Sharp Willard W, Beiser David G, Fang Yong Hu, Han Mei, Piao Lin, Varughese Justin, Archer Stephen L
1Section of Emergency Medicine, Department of Medicine, University of Chicago, Chicago, IL. 2Department of Medicine, Queen's University at Kingston, ON, Canada.
Crit Care Med. 2015 Feb;43(2):e38-47. doi: 10.1097/CCM.0000000000000817.
Survival following sudden cardiac arrest is poor despite advances in cardiopulmonary resuscitation and the use of therapeutic hypothermia. Dynamin-related protein 1, a regulator of mitochondrial fission, is an important determinant of reactive oxygen species generation, myocardial necrosis, and left ventricular function following ischemia/reperfusion injury, but its role in cardiac arrest is unknown. We hypothesized that dynamin-related protein 1 inhibition would improve survival, cardiac hemodynamics, and mitochondrial function in an in vivo model of cardiac arrest.
Laboratory investigation.
University laboratory.
Anesthetized and ventilated adult female C57BL/6 wild-type mice underwent an 8-minute KCl-induced cardiac arrest followed by 90 seconds of cardiopulmonary resuscitation. Mice were then blindly randomized to a single IV injection of Mdivi-1 (0.24 mg/kg), a small molecule dynamin-related protein 1 inhibitor or vehicle (dimethyl sulfoxide).

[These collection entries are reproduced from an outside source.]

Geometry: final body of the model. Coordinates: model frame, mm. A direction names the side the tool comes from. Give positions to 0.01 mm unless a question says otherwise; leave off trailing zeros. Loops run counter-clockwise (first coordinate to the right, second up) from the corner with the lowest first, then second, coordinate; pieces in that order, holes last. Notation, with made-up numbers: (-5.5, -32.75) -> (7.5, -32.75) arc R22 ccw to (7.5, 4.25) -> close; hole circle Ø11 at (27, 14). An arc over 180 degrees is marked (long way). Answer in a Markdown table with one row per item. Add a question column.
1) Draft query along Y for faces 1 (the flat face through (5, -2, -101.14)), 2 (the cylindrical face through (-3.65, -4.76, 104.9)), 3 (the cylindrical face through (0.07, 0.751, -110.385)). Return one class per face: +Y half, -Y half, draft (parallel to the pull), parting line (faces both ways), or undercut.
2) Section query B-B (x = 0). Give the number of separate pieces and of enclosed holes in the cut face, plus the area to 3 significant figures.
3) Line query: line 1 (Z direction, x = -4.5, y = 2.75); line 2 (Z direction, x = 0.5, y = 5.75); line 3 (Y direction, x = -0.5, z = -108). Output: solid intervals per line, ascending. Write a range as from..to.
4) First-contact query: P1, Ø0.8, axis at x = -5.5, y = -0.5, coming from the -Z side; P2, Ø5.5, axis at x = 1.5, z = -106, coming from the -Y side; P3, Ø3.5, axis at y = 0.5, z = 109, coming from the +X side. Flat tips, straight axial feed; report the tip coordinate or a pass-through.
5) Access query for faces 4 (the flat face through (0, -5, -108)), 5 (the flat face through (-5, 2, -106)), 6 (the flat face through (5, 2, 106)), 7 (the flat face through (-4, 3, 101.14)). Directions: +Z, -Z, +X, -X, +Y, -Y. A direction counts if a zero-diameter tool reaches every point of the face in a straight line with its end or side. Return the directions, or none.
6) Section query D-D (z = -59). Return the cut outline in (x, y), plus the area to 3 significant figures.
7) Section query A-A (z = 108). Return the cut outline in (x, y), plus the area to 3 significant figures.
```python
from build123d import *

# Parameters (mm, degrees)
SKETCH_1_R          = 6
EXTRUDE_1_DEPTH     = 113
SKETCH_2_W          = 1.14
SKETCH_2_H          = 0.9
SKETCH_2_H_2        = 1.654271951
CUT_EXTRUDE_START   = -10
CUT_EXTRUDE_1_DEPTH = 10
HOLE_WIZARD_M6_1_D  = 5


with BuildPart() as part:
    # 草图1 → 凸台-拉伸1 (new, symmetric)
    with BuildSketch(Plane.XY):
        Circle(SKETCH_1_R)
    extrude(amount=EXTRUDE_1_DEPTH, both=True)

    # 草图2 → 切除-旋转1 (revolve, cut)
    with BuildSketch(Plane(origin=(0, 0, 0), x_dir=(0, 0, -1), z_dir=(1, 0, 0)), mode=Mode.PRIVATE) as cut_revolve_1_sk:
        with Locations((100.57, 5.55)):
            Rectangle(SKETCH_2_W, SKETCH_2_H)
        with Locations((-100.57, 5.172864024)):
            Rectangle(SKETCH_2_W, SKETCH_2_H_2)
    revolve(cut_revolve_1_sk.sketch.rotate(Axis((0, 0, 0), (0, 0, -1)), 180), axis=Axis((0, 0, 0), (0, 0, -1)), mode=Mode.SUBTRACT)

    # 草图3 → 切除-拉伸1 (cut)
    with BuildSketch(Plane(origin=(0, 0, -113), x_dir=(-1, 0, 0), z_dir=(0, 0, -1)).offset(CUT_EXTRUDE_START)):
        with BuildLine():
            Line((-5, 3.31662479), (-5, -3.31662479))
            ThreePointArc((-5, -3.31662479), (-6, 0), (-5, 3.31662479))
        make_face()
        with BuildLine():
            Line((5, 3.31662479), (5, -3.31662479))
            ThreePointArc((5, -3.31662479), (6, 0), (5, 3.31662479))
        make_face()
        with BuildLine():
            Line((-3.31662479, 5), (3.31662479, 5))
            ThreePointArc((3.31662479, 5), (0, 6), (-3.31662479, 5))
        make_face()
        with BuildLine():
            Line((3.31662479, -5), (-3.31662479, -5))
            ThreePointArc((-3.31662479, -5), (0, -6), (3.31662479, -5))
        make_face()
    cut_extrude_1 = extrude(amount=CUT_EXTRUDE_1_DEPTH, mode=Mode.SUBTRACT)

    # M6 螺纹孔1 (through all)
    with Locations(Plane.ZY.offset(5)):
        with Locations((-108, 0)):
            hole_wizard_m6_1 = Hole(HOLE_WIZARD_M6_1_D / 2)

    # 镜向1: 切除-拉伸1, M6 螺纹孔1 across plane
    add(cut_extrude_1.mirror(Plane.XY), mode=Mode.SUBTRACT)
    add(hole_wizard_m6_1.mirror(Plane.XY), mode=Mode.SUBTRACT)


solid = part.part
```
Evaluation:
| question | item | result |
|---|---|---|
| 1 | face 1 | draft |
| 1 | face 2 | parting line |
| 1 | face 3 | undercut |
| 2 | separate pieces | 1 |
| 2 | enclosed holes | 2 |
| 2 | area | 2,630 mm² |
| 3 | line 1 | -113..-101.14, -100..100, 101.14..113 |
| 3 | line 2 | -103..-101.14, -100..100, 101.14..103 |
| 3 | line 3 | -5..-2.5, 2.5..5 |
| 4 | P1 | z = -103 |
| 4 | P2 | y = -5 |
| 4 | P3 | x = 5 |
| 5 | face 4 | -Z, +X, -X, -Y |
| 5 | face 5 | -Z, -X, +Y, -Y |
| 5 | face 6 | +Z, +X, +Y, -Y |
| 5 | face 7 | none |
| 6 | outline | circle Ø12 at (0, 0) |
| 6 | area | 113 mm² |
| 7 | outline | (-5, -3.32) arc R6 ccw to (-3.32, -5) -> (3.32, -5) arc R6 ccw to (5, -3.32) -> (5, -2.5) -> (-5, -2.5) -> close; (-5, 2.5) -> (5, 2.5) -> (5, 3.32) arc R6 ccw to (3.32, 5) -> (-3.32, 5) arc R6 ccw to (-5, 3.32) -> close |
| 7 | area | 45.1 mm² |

Following resuscitation from cardiac arrest, mitochondrial fission was evidenced by dynamin-related protein 1 translocation to the mitochondrial membrane and a decrease in mitochondrial size. Mitochondrial fission was associated with increased lactate and evidence of oxidative damage. Mdivi-1 administration during cardiopulmonary resuscitation inhibited dynamin-related protein 1 activation, preserved mitochondrial morphology, and decreased oxidative damage. Mdivi-1 also reduced the time to return of spontaneous circulation (116 ± 4 vs 143 ± 7 s; p < 0.001) during cardiopulmonary resuscitation and enhanced myocardial performance post-return of spontaneous circulation. These improvements were associated with significant increases in survival (65% vs 33%) and improved neurological scores up to 72 hours post cardiac arrest.
Post-cardiac arrest inhibition of dynamin-related protein 1 improves time to return of spontaneous circulation and myocardial hemodynamics, resulting in improved survival and neurological outcomes in a murine model of cardiac arrest. Pharmacological targeting of mitochondrial fission may be a promising therapy for cardiac arrest.
尽管心肺复苏和治疗性低温技术有所进步,但心脏骤停后的生存率仍然很低。动力相关蛋白1是线粒体分裂的调节因子,是缺血/再灌注损伤后活性氧生成、心肌坏死和左心室功能的重要决定因素,但其在心脏骤停中的作用尚不清楚。我们假设抑制动力相关蛋白1可提高心脏骤停体内模型的生存率、心脏血流动力学和线粒体功能。
实验室研究。
大学实验室。
对麻醉并通气的成年雌性C57BL/6野生型小鼠进行8分钟氯化钾诱导的心脏骤停,随后进行90秒的心肺复苏。然后将小鼠随机分为单次静脉注射Mdivi-1(0.24mg/kg)、小分子动力相关蛋白1抑制剂或载体(二甲基亚砜)。
心脏骤停复苏后,动力相关蛋白1转位至线粒体膜以及线粒体大小减小证明了线粒体分裂。线粒体分裂与乳酸增加和氧化损伤证据相关。心肺复苏期间给予Mdivi-1可抑制动力相关蛋白1激活,保留线粒体形态并减少氧化损伤。Mdivi-1还缩短了心肺复苏期间自主循环恢复的时间(116±4秒对143±7秒;p<0.001),并改善了自主循环恢复后的心肌性能。这些改善与生存率显著提高(65%对33%)以及心脏骤停后72小时内神经学评分改善相关。
心脏骤停后抑制动力相关蛋白1可改善自主循环恢复时间和心肌血流动力学,从而提高心脏骤停小鼠模型的生存率和神经学结局。线粒体分裂的药物靶向治疗可能是一种有前景的心脏骤停治疗方法。